Week In Review: October 14-21: Arnie and Drivers
/As the season winds down and the hot-button tech issues figure to heat up, news of Callaway's lousy earnings prompted JPB to make this astute point about the demise of the Top Flite "brand": Actually if top-flite has a problem, it may be a symptom of the things we talk about here. Fewer players playing fewer rounds at more expensive courses. If a lot of top-flites sell it might mean a lot of average or bad players are playing, maybe at cheaper courses. Not my brand, but there are worse products than top-flites. For what they are, they work better than they need to.
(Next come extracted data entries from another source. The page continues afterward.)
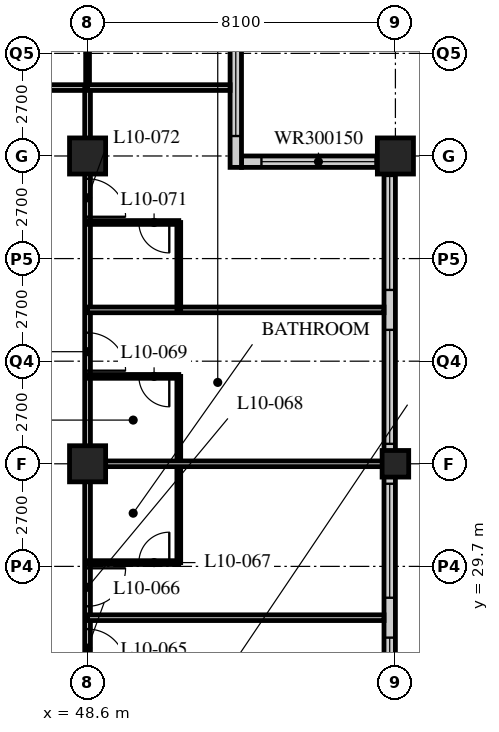
"""IFC4 building model, lengths in metres.
Left out: names, types, materials, properties, quantities, classifications, styles, units other than length and angle.
Written with IfcOpenShell. Run it as: python <this file> out.ifc"""

import sys

from ifc_helpers import new_model, si_unit, direction, frame, frame_2d, origin, origin_2d, place, context, subcontext, project, spatial, rectangle, hollow_rectangle, extrude, element, fill, save


model = new_model("IFC4")
c1 = context("Model", 3, precision=1e-05, world=origin(), true_north=direction((0.0, 1.0)))
c2 = subcontext(c1, "Body", "Model", "MODEL_VIEW")
j1 = project(units=[si_unit("LENGTHUNIT", "METRE"), si_unit("PLANEANGLEUNIT", "RADIAN")], contexts=[c1])
p1 = place(None, origin())
s1 = spatial("IfcSite", under=j1, at=p1, CompositionType="ELEMENT")
p2 = place(p1, origin())
s2 = spatial("IfcBuilding", under=s1, at=p2, CompositionType="ELEMENT")
p3 = place(p2, frame((0.0, 0.0, 46.6)))
s3 = spatial("IfcBuildingStorey", under=s2, at=p3, CompositionType="ELEMENT", Elevation=46.6)
for number, where, z_axis, x_axis in (
    (1, (48.6, 32.4, 0.0), (0.0, 0.0, 1.0), (1.0, 0.0, 0.0)),
    (2, (48.6, 40.5, 0.0), (0.0, 0.0, 1.0), (1.0, 0.0, 0.0)),
):
    element("IfcColumn", number, at=place(p3, frame(where, z_axis=z_axis, x_axis=x_axis)), inside=s3, PredefinedType="COLUMN", context=c2, shape_type="SweptSolid", body=[
        extrude(hollow_rectangle(XDim=0.95, YDim=0.95, WallThickness=0.095, at=origin_2d()), origin(), (0.0, 0.0, 1.0), 3.4),
    ])
p4 = place(p3, frame((56.7, 32.4, 0.0), z_axis=(0.0, 0.0, 1.0), x_axis=(1.0, 0.0, 0.0)))
e3 = element("IfcColumn", 3, at=p4, inside=s3, PredefinedType="COLUMN", context=c2, shape_type="SweptSolid", body=[
    extrude(hollow_rectangle(XDim=0.7, YDim=0.7, WallThickness=0.06, at=origin_2d()), origin(), (0.0, 0.0, 1.0), 3.4),
])
p5 = place(p3, frame((56.7, 40.5, 0.0), z_axis=(0.0, 0.0, 1.0), x_axis=(1.0, 0.0, 0.0)))
e4 = element("IfcColumn", 4, at=p5, inside=s3, PredefinedType="COLUMN", context=c2, shape_type="SweptSolid", body=[
    extrude(hollow_rectangle(XDim=0.95, YDim=0.95, WallThickness=0.095, at=origin_2d()), origin(), (0.0, 0.0, 1.0), 3.4),
])
p6 = place(p3, frame((56.55, 8.4, 0.0), z_axis=(0.0, 0.0, 1.0), x_axis=(0.0, 1.0, 0.0)))
e5 = element("IfcWall", 5, at=p6, inside=s3, PredefinedType="SOLIDWALL", context=c2, shape_type="SweptSolid", body=[
    extrude(rectangle(XDim=32.1, YDim=0.3, at=frame_2d((16.05, 0.0))), origin(), (0.0, 0.0, 1.0), 3.19),
])
p7 = place(p6, frame((0.225, 0.0, 0.9)))
e6 = element("IfcOpeningElement", 6, at=p7, cuts=e5, PredefinedType="OPENING", context=c2, shape_type="SweptSolid", body=[
    extrude(rectangle(XDim=3.0, YDim=2.0, at=frame_2d((1.5, 1.0))), frame((0.0, 0.16, 0.0), z_axis=(0.0, -1.0, 0.0), x_axis=(1.0, 0.0, 0.0)), (0.0, 0.0, 1.0), 0.32),
])
p8 = place(p6, frame((4.275, 0.0, 0.9)))
e7 = element("IfcOpeningElement", 7, at=p8, cuts=e5, PredefinedType="OPENING", context=c2, shape_type="SweptSolid", body=[
    extrude(rectangle(XDim=3.0, YDim=2.0, at=frame_2d((1.5, 1.0))), frame((0.0, 0.16, 0.0), z_axis=(0.0, -1.0, 0.0), x_axis=(1.0, 0.0, 0.0)), (0.0, 0.0, 1.0), 0.32),
])
p9 = place(p6, frame((8.325, 0.0, 0.9)))
e8 = element("IfcOpeningElement", 8, at=p9, cuts=e5, PredefinedType="OPENING", context=c2, shape_type="SweptSolid", body=[
    extrude(rectangle(XDim=3.0, YDim=2.0, at=frame_2d((1.5, 1.0))), frame((0.0, 0.16, 0.0), z_axis=(0.0, -1.0, 0.0), x_axis=(1.0, 0.0, 0.0)), (0.0, 0.0, 1.0), 0.32),
])
p10 = place(p6, frame((12.375, 0.0, 0.9)))
e9 = element("IfcOpeningElement", 9, at=p10, cuts=e5, PredefinedType="OPENING", context=c2, shape_type="SweptSolid", body=[
    extrude(rectangle(XDim=3.0, YDim=2.0, at=frame_2d((1.5, 1.0))), frame((0.0, 0.16, 0.0), z_axis=(0.0, -1.0, 0.0), x_axis=(1.0, 0.0, 0.0)), (0.0, 0.0, 1.0), 0.32),
])
p11 = place(p6, frame((16.425, 0.0, 0.9)))
e10 = element("IfcOpeningElement", 10, at=p11, cuts=e5, PredefinedType="OPENING", context=c2, shape_type="SweptSolid", body=[
    extrude(rectangle(XDim=3.0, YDim=2.0, at=frame_2d((1.5, 1.0))), frame((0.0, 0.16, 0.0), z_axis=(0.0, -1.0, 0.0), x_axis=(1.0, 0.0, 0.0)), (0.0, 0.0, 1.0), 0.32),
])
p12 = place(p6, frame((20.475, 0.0, 0.9)))
e11 = element("IfcOpeningElement", 11, at=p12, cuts=e5, PredefinedType="OPENING", context=c2, shape_type="SweptSolid", body=[
    extrude(rectangle(XDim=3.0, YDim=2.0, at=frame_2d((1.5, 1.0))), frame((0.0, 0.16, 0.0), z_axis=(0.0, -1.0, 0.0), x_axis=(1.0, 0.0, 0.0)), (0.0, 0.0, 1.0), 0.32),
])
p13 = place(p6, frame((24.525, 0.0, 0.9)))
e12 = element("IfcOpeningElement", 12, at=p13, cuts=e5, PredefinedType="OPENING", context=c2, shape_type="SweptSolid", body=[
    extrude(rectangle(XDim=3.0, YDim=2.0, at=frame_2d((1.5, 1.0))), frame((0.0, 0.16, 0.0), z_axis=(0.0, -1.0, 0.0), x_axis=(1.0, 0.0, 0.0)), (0.0, 0.0, 1.0), 0.32),
])
p14 = place(p6, frame((28.575, 0.0, 0.9)))
e13 = element("IfcOpeningElement", 13, at=p14, cuts=e5, PredefinedType="OPENING", context=c2, shape_type="SweptSolid", body=[
    extrude(rectangle(XDim=3.0, YDim=2.0, at=frame_2d((1.5, 1.0))), frame((0.0, 0.16, 0.0), z_axis=(0.0, -1.0, 0.0), x_axis=(1.0, 0.0, 0.0)), (0.0, 0.0, 1.0), 0.32),
])
p15 = place(p3, frame((56.4, 40.35, 0.0), z_axis=(0.0, 0.0, 1.0), x_axis=(-1.0, 0.0, 0.0)))
e14 = element("IfcWall", 14, at=p15, inside=s3, PredefinedType="SOLIDWALL", context=c2, shape_type="SweptSolid", body=[
    extrude(rectangle(XDim=3.75, YDim=0.3, at=frame_2d((1.875, 0.0))), origin(), (0.0, 0.0, 1.0), 3.19),
])
p16 = place(p15, frame((0.225, 0.0, 0.9)))
e15 = element("IfcOpeningElement", 15, at=p16, cuts=e14, PredefinedType="OPENING", context=c2, shape_type="SweptSolid", body=[
    extrude(rectangle(XDim=3.0, YDim=1.5, at=frame_2d((1.5, 0.75))), frame((0.0, 0.16, 0.0), z_axis=(0.0, -1.0, 0.0), x_axis=(1.0, 0.0, 0.0)), (0.0, 0.0, 1.0), 0.32),
])
p17 = place(p3, frame((52.5, 40.2, 0.0), z_axis=(0.0, 0.0, 1.0), x_axis=(0.0, 1.0, 0.0)))
e16 = element("IfcWall", 16, at=p17, inside=s3, PredefinedType="SOLIDWALL", context=c2, shape_type="SweptSolid", body=[
    extrude(rectangle(XDim=4.35, YDim=0.3, at=frame_2d((2.175, 0.0))), origin(), (0.0, 0.0, 1.0), 3.19),
])
p18 = place(p17, frame((0.825, 0.0, 0.9)))
e17 = element("IfcOpeningElement", 17, at=p18, cuts=e16, PredefinedType="OPENING", context=c2, shape_type="SweptSolid", body=[
    extrude(rectangle(XDim=3.0, YDim=1.5, at=frame_2d((1.5, 0.75))), frame((0.0, 0.16, 0.0), z_axis=(0.0, -1.0, 0.0), x_axis=(1.0, 0.0, 0.0)), (0.0, 0.0, 1.0), 0.32),
])
p19 = place(p3, frame((8.1, 42.3, 0.0), z_axis=(0.0, 0.0, 1.0), x_axis=(1.0, 0.0, 0.0)))
e18 = element("IfcWall", 18, at=p19, inside=s3, PredefinedType="PARTITIONING", context=c2, shape_type="SweptSolid", body=[
    extrude(rectangle(XDim=40.5, YDim=0.15, at=frame_2d((20.25, 0.0))), origin(), (0.0, 0.0, 1.0), 3.19),
])
p20 = place(p19, frame((6.5, 0.0, 0.0)))
e19 = element("IfcOpeningElement", 19, at=p20, cuts=e18, PredefinedType="OPENING", context=c2, shape_type="SweptSolid", body=[
    extrude(rectangle(XDim=1.0, YDim=2.1, at=frame_2d((0.5, 1.05))), frame((0.0, 0.085, 0.0), z_axis=(0.0, -1.0, 0.0), x_axis=(1.0, 0.0, 0.0)), (0.0, 0.0, 1.0), 0.17),
])
p21 = place(p19, frame((10.55, 0.0, 0.0)))
e20 = element("IfcOpeningElement", 20, at=p21, cuts=e18, PredefinedType="OPENING", context=c2, shape_type="SweptSolid", body=[
    extrude(rectangle(XDim=1.0, YDim=2.1, at=frame_2d((0.5, 1.05))), frame((0.0, 0.085, 0.0), z_axis=(0.0, -1.0, 0.0), x_axis=(1.0, 0.0, 0.0)), (0.0, 0.0, 1.0), 0.17),
])
p22 = place(p19, frame((14.6, 0.0, 0.0)))
e21 = element("IfcOpeningElement", 21, at=p22, cuts=e18, PredefinedType="OPENING", context=c2, shape_type="SweptSolid", body=[
    extrude(rectangle(XDim=1.0, YDim=2.1, at=frame_2d((0.5, 1.05))), frame((0.0, 0.085, 0.0), z_axis=(0.0, -1.0, 0.0), x_axis=(1.0, 0.0, 0.0)), (0.0, 0.0, 1.0), 0.17),
])
p23 = place(p19, frame((18.65, 0.0, 0.0)))
e22 = element("IfcOpeningElement", 22, at=p23, cuts=e18, PredefinedType="OPENING", context=c2, shape_type="SweptSolid", body=[
    extrude(rectangle(XDim=1.0, YDim=2.1, at=frame_2d((0.5, 1.05))), frame((0.0, 0.085, 0.0), z_axis=(0.0, -1.0, 0.0), x_axis=(1.0, 0.0, 0.0)), (0.0, 0.0, 1.0), 0.17),
])
p24 = place(p19, frame((22.7, 0.0, 0.0)))
e23 = element("IfcOpeningElement", 23, at=p24, cuts=e18, PredefinedType="OPENING", context=c2, shape_type="SweptSolid", body=[
    extrude(rectangle(XDim=1.0, YDim=2.1, at=frame_2d((0.5, 1.05))), frame((0.0, 0.085, 0.0), z_axis=(0.0, -1.0, 0.0), x_axis=(1.0, 0.0, 0.0)), (0.0, 0.0, 1.0), 0.17),
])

Reader Bill S suggested the driver head size be regulated as a way to deal with distance and your comments were interesting, with nearly all of the 20 weighing in agreeing that it has played a major role in the distance explosion of the last few years.
Hawkeye: The launching characteristics would be altered since the weight distribution in the clubeheads would have to be somewhat different, and subsequently it would't be as easy to launch the high, floating drives that are the norm today. Now, if we could just introduce a limit to tee-peg height as well...
Scott S: Many, many things have happened over the years with equipment that it is difficult to pinpoint the culprits, but driver head size is big in the spotlight. We like to think of the tour guys hitting everything dead-center all the time, but this isn't reality. With smaller clubheads on a tense tournament day, people would be skying and topping them all over the place.
DAW: I own a persimmon-head driver that I use from time to time. I don't think I can hit it as far as my normal driver, but in the summer it's quite close. I hit it much, much lower, however. On courses with forced carries, this is a big disadvantage. Not just because of fairway bunkers, but consider a hole where the fairway runs a bit uphill and then flattens out at 230 yards. If I catch the wooden driver a bit thin, it doesn't land on the plateau and goes nowhere. I also think that I lose a larger percentage of the height on imperfect strikes with the wooden driver compared to the big metal one...If limiting the head size would significantly lower the trajectory for drivers then it might be a worthwhile idea.
Bill S: If you read the history books, way back in the days of hickory sticks and before Titleists people hit 300 yard drives now and again. If you let your swing speed get faster, you will hit the ball farther. BUT - with small Persimmon (and even early steel) heads, there was a cost/benefit analysis to be made. If people let their swings out and missed (even a little bit) they wouldn't miss the fairway, they would miss the state. As a result, players like Jack rarely aired it out. Furthermore, mediocre players almost NEVER aired it out b/c they could not control the direction of their shots. In 2006, everyone knows the sweet spot is huge and everyone knows the clubs have incredible MOI's to keep the ball in play. Even hackers like me can play "feerless golf" with a 460cc driver.
Smitty: All you have to do is remember Jay Haas popping up his drive at the Ryder Cup to realize what a difference head size makes--especially under pressure...The problem still overwhelmingly is THE BALL!
And while we can joke about his various farewells, Arnold Palmer really did say goodbye to competitive golf this week and things just won't ever be the same. But if we could just get them to Augusta Thursday morning...
Hawkeye: For some reason, the first golfing stars of the TV age (Palmer, Nicklaus, Player) have all seemed to believe that they would be, truly, forever young. Sadly, that's not the case, and it took Palmer thirty years to realize that. Let's hope Nicklaus and Player also change their minds on being "cermonial players" and reconvene on the first tee at Augusta next April!
ken-one-putt: If we can get the Big Three on the first tee for Thursday at Augusta next year it would truly be a wonderful thing for golf.
And echoing his comments, Smolmania: Mr. Palmer's best days were long since done by the time I came along, but no one since has had the personal magnetism, the ability to make everyone in his presence feel that he was friends with the King. Palmer, Nicklaus, Player. Big Three golf lives. 1st group out on Wednesday afternoon in the Par-3 Tournament, and 1st tee shots on Thursday morning. All would be right in the world for those 18 hours.